The weird $\frac{\partial}{\partial\theta_j}$ symbol says we should take the derivative of the cost function. In other words, on each assignment of $\theta_j$, we follow the derivative arrow and “walk” a little more in the direction of the local minimum (the place with 0 slope).

Running one iteration over another will take care of changing the values of both θ’s and approximating them of the local minimum. The time to stop the assignments is when the result stay unchanged between two iterations (convergence). At that point, we will have best possible values for $\theta_0$ and $\theta_1$. Or, if you prefer, the equation for that red line above.

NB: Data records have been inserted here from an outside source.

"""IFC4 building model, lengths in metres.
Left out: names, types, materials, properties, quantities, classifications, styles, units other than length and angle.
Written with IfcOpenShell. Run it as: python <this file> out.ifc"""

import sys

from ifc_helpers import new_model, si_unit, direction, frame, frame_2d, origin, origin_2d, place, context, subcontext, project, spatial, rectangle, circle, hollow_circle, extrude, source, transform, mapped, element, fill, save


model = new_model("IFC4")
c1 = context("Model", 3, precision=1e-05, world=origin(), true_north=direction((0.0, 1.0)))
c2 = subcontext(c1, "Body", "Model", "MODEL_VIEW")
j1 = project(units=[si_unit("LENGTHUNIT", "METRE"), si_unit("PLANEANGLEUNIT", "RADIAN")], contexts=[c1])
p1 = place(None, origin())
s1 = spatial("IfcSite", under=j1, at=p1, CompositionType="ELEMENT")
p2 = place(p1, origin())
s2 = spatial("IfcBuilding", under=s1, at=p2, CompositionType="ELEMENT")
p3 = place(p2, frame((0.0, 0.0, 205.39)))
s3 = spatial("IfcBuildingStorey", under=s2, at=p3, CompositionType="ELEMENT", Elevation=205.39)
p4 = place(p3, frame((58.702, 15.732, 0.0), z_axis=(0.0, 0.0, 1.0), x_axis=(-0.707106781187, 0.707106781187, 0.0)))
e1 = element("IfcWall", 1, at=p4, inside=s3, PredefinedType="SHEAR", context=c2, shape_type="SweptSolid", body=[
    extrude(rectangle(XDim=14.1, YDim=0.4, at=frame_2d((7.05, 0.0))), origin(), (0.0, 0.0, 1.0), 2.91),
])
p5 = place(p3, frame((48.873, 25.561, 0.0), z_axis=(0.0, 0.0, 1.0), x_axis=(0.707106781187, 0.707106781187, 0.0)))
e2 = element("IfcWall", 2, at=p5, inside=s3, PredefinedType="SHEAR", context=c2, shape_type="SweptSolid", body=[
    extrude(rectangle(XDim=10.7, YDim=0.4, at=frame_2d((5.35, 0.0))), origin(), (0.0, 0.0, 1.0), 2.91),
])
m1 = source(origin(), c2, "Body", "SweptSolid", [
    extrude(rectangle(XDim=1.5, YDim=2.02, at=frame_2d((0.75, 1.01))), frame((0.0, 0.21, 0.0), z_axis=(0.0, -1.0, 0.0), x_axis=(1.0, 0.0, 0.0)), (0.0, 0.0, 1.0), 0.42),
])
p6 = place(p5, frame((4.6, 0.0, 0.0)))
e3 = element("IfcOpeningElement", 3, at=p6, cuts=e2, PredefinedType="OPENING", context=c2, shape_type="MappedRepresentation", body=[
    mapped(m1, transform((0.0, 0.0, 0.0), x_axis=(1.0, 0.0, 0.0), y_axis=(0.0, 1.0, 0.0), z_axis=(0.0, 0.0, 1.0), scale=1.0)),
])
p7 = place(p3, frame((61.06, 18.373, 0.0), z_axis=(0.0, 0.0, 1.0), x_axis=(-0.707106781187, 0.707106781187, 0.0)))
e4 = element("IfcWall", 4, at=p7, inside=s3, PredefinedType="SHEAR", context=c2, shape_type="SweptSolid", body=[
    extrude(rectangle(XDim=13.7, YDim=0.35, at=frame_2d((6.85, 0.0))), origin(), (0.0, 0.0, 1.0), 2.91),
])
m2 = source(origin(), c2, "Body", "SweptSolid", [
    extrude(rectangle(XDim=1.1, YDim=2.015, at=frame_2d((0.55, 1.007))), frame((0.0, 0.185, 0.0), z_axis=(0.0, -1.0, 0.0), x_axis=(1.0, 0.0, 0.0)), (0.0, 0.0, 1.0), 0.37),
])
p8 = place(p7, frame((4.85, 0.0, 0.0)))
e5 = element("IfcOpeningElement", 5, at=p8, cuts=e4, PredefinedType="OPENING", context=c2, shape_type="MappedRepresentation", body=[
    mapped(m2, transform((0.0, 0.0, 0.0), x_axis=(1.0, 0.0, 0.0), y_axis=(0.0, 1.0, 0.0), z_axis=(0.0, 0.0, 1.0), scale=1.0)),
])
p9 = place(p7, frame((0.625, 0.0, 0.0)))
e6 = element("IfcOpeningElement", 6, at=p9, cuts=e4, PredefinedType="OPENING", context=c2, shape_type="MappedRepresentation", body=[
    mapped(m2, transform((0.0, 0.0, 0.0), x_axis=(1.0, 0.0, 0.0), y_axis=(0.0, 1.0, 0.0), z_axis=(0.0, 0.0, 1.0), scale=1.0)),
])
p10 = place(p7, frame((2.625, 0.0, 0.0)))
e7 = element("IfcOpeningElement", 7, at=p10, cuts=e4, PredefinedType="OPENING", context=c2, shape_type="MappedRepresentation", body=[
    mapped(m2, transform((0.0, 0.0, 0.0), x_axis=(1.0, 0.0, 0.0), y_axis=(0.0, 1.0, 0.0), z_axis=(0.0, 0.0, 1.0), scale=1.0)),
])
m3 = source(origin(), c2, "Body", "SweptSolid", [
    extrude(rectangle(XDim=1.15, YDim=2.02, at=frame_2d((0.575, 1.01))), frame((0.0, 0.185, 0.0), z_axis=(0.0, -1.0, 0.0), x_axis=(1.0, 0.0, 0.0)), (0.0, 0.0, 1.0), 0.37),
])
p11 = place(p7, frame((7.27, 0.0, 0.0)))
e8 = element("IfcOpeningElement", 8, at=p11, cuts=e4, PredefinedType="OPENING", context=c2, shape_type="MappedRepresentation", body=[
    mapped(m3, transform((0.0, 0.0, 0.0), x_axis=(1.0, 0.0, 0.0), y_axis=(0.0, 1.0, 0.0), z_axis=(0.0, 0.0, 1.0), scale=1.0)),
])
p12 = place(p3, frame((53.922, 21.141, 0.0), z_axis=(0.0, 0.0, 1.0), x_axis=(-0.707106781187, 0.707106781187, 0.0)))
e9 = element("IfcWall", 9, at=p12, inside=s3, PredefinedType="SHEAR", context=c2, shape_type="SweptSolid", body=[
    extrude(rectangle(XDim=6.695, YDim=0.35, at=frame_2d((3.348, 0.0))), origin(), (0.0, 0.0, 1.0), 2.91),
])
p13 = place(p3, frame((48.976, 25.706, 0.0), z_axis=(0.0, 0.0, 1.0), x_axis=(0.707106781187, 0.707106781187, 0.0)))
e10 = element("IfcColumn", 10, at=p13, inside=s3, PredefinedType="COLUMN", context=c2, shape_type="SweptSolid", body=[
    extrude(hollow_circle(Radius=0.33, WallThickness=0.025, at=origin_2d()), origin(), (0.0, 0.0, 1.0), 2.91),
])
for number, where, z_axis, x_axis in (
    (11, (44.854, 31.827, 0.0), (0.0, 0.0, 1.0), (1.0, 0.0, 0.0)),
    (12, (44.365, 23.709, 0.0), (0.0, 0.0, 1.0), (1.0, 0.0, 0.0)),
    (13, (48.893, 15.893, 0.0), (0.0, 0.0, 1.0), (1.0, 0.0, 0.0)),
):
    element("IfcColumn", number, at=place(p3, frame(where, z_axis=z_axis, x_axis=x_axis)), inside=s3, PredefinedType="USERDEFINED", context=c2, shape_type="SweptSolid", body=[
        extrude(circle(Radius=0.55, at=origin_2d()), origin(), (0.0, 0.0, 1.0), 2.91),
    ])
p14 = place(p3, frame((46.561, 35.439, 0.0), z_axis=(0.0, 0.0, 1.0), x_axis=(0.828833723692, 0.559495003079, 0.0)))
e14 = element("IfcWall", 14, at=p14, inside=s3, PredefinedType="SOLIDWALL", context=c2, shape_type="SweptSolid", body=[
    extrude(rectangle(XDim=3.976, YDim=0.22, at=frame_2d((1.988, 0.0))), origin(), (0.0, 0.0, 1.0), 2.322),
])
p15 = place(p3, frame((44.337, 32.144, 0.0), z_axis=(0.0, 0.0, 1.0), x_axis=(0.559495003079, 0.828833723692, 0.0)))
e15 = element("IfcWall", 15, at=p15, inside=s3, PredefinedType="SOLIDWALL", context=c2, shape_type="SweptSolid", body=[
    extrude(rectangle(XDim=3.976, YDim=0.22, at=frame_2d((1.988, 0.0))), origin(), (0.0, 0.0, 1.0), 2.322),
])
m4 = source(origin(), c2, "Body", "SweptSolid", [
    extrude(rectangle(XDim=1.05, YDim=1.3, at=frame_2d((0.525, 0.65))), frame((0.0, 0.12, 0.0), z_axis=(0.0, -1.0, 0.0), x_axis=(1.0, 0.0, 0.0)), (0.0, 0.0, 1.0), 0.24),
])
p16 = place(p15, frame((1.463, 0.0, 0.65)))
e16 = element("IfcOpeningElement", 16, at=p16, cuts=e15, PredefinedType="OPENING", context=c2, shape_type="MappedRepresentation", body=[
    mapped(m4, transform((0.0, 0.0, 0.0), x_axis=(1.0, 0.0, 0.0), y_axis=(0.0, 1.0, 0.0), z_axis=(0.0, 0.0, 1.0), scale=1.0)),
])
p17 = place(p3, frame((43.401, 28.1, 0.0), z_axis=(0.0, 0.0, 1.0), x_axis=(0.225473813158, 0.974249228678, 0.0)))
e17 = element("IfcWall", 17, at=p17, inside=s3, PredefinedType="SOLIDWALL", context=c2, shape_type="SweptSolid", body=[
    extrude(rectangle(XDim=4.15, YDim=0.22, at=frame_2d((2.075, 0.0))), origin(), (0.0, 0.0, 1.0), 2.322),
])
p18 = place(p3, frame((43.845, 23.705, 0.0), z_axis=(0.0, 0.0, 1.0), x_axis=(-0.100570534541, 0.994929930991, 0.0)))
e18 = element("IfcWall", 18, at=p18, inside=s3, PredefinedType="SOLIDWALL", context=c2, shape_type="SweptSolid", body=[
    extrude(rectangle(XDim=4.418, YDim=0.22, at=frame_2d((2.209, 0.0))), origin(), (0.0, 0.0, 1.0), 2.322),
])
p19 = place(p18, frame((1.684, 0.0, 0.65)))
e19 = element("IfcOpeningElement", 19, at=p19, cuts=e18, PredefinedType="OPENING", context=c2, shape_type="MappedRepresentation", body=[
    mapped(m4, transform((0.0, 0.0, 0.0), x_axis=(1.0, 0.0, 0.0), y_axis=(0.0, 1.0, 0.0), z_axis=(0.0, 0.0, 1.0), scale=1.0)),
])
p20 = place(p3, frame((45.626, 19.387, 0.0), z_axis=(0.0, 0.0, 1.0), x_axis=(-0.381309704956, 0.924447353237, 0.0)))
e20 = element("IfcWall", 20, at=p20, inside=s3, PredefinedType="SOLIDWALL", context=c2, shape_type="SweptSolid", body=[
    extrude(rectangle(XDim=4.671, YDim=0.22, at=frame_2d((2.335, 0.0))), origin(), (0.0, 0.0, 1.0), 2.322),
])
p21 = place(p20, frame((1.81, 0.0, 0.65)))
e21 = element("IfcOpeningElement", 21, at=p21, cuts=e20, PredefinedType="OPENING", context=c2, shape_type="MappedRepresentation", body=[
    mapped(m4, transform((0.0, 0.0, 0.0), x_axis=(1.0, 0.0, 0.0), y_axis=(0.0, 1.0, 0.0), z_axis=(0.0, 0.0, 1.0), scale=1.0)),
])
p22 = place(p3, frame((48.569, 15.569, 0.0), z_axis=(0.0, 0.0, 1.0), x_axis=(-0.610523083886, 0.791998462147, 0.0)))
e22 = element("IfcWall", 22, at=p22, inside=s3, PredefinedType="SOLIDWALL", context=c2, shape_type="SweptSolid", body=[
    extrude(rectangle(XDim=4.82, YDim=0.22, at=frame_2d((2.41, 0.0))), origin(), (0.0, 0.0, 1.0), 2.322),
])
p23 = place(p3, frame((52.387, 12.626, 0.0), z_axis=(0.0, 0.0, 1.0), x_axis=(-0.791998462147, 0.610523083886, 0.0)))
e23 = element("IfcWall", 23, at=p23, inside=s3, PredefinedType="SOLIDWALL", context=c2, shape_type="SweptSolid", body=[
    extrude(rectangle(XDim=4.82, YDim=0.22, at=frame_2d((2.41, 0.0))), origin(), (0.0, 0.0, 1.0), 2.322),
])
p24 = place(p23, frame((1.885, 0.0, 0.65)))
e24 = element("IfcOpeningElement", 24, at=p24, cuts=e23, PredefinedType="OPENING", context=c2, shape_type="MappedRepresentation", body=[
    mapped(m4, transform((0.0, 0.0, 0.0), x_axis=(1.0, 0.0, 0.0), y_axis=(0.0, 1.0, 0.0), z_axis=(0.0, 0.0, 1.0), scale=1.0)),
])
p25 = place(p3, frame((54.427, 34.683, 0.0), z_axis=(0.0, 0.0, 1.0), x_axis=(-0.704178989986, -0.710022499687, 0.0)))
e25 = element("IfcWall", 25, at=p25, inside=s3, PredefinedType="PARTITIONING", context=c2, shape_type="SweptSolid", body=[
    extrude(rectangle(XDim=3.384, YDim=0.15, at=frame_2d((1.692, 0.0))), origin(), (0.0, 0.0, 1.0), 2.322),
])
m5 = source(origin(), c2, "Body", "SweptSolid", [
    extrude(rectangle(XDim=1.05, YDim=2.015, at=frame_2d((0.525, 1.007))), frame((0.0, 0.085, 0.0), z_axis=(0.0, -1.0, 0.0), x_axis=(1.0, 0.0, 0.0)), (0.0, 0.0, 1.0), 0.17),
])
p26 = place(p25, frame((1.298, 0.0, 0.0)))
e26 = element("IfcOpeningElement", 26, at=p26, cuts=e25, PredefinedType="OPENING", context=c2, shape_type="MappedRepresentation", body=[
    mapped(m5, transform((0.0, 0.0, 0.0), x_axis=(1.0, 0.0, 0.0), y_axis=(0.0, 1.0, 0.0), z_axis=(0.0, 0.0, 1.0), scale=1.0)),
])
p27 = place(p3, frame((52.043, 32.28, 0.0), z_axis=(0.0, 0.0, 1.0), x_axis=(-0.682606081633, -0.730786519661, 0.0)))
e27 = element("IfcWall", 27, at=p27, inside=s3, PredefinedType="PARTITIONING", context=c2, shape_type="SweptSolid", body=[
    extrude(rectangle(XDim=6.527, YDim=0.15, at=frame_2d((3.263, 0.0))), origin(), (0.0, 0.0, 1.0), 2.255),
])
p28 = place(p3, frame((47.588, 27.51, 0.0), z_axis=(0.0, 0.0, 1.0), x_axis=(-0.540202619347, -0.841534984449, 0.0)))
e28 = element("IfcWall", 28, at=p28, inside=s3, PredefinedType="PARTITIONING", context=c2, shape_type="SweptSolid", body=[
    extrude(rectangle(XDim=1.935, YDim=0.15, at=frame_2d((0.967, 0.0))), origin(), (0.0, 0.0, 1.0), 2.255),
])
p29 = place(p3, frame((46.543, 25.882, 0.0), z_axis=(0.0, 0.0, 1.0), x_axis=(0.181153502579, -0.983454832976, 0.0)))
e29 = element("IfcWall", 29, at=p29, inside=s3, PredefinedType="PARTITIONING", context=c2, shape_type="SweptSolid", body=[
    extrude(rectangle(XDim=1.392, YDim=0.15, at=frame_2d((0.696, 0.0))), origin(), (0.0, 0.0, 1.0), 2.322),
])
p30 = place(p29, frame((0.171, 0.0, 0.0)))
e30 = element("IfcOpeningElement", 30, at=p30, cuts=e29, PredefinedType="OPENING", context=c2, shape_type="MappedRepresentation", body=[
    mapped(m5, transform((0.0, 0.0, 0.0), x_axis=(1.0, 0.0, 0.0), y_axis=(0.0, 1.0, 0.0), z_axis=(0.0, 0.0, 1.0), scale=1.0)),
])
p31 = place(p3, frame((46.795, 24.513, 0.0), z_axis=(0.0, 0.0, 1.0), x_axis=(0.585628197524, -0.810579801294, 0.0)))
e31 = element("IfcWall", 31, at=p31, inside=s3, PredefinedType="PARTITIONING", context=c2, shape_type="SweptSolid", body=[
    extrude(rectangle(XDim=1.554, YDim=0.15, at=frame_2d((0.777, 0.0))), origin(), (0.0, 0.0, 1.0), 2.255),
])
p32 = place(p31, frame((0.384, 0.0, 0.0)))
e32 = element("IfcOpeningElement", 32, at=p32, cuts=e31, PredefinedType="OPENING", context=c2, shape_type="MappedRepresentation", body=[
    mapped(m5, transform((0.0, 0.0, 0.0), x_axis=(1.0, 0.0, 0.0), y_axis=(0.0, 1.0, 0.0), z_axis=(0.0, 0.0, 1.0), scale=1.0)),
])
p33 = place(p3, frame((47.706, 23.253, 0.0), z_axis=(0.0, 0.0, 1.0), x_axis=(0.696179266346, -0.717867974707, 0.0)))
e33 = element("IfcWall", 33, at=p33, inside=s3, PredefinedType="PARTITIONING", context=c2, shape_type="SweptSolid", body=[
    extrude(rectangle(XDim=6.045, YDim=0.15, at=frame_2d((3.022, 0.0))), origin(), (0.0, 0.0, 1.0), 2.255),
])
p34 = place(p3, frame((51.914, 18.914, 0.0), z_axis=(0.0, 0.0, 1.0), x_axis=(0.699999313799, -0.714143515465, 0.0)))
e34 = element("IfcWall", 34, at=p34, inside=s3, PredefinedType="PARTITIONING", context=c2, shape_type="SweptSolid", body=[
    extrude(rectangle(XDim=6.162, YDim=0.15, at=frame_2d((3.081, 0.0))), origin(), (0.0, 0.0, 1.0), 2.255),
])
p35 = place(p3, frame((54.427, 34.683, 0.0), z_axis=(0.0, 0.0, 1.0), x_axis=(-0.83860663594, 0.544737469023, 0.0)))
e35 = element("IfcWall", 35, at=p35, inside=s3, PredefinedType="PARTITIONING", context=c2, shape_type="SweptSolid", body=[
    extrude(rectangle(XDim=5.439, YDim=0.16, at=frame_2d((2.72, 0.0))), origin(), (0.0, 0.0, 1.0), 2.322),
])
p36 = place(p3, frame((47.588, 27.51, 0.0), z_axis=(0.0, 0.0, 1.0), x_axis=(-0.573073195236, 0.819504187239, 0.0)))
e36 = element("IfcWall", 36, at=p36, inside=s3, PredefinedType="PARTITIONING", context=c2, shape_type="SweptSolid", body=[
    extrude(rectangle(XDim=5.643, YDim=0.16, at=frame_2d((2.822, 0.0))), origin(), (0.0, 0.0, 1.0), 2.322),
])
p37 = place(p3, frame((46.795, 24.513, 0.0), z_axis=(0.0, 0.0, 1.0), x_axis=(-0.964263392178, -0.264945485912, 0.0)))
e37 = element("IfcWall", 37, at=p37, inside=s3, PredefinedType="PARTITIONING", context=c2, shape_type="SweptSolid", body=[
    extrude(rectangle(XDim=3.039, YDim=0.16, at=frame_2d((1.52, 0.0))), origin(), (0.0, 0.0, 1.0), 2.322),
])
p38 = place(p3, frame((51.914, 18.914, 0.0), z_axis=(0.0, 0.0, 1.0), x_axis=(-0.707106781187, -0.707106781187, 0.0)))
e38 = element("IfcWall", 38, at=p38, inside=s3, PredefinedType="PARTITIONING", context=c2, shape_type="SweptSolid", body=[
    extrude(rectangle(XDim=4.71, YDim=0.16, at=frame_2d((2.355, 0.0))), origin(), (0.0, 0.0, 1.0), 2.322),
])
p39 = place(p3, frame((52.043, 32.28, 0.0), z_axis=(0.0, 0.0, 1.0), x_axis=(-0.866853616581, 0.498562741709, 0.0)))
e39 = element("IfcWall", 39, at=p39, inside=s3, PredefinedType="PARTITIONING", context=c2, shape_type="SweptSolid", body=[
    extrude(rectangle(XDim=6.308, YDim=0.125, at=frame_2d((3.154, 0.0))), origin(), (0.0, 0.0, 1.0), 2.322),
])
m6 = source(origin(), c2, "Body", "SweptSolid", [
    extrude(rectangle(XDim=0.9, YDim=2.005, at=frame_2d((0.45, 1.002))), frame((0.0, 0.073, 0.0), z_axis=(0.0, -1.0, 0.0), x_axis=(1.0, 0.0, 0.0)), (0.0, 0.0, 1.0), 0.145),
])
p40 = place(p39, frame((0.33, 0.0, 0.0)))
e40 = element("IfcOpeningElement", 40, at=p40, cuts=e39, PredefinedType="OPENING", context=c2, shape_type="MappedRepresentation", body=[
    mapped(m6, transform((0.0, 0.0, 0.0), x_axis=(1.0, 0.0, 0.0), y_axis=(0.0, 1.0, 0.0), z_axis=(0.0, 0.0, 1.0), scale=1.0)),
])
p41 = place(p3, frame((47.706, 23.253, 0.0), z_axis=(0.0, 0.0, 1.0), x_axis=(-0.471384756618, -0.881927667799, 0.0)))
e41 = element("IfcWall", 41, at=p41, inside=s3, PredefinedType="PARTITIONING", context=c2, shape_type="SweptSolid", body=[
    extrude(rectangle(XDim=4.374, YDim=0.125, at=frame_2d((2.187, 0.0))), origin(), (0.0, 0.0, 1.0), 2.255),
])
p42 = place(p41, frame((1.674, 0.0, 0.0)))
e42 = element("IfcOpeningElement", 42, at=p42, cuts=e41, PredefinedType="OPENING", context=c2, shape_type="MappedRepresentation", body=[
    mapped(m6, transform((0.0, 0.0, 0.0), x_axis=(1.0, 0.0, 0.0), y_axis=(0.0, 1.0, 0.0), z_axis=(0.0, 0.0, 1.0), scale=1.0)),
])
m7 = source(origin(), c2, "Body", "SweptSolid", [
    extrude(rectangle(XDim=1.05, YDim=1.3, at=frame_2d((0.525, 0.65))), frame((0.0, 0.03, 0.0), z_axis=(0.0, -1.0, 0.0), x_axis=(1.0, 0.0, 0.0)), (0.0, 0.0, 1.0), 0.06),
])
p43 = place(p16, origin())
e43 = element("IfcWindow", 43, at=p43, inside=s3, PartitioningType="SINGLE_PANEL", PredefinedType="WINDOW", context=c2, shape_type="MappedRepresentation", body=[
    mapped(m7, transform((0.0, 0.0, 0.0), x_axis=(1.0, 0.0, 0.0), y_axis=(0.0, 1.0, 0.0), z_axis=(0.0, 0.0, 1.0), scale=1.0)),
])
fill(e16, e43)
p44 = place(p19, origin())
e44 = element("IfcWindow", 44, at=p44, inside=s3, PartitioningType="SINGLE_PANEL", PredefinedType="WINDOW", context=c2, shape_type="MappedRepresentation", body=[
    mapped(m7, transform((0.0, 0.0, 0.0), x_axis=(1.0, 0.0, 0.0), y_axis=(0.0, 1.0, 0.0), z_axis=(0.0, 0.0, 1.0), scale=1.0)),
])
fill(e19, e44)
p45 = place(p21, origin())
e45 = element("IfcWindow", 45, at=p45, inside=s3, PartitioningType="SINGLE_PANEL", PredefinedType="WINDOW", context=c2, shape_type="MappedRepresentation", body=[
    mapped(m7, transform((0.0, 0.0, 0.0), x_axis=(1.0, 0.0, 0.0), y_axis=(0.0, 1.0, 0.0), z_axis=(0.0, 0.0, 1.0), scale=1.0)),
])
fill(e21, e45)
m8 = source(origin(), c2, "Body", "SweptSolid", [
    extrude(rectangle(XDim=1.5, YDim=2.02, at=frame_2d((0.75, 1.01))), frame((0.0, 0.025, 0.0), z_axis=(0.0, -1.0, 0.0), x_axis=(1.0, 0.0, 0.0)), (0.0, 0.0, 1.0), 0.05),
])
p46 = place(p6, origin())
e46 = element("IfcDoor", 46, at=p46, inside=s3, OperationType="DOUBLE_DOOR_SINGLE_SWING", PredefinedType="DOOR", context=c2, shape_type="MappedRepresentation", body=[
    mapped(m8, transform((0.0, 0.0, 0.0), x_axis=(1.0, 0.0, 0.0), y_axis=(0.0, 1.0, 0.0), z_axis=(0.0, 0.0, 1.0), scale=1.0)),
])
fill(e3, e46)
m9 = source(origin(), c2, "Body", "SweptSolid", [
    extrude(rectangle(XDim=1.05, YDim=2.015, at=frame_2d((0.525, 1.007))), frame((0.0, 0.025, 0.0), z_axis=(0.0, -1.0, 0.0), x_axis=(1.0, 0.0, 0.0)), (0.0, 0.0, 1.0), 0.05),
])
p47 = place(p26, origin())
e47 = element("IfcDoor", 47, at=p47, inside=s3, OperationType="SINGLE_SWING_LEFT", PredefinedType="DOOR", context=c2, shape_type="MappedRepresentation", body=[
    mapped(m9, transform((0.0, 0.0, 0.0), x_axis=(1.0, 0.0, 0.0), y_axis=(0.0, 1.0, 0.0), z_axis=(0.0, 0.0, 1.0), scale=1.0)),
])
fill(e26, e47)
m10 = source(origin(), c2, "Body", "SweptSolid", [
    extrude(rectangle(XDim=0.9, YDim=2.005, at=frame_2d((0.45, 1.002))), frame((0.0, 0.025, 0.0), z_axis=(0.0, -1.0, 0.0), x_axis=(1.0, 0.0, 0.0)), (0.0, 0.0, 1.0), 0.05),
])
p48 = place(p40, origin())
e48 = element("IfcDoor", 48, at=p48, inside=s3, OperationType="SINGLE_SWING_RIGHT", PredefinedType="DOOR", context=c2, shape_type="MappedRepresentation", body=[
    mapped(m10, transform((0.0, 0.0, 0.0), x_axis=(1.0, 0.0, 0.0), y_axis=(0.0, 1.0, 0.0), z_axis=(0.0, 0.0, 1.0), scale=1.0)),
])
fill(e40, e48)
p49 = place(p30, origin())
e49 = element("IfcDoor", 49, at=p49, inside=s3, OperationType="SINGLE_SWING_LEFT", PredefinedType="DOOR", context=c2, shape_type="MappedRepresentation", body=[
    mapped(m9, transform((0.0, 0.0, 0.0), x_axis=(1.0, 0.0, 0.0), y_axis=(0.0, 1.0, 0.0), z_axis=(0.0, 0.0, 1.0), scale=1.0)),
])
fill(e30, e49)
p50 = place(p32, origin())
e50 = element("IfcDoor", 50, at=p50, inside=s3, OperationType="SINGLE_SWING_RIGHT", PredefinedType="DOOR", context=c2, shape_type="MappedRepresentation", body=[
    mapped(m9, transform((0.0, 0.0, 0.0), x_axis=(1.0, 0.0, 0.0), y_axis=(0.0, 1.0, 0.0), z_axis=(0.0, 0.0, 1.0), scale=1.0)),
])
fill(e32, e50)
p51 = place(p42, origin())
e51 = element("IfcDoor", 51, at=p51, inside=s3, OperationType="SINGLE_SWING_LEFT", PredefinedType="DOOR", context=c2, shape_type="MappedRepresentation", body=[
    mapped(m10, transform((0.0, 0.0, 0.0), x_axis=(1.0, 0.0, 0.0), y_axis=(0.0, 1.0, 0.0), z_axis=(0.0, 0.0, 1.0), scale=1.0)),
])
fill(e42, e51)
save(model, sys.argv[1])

You may as well feed an algorithm with data and expect it to be grouped in some way. I don’t know how, but I want to split it between meaningful groups. It’s the same learning used in applications like Google News to populate a “related articles” section. Or put it into “business” and not “sports” category.

So far, this kind of learning wasn’t well explored yet, but the Eureka! moment stays with the possibilities. Tagging articles are useful - and may be helpful for unsupervised machine learning - but common people does not know how to use and isn’t a considerable choice for systems with size of those from Google. For the majority of cases, a computer could do a better (considering cost-benefit) job compared to a human.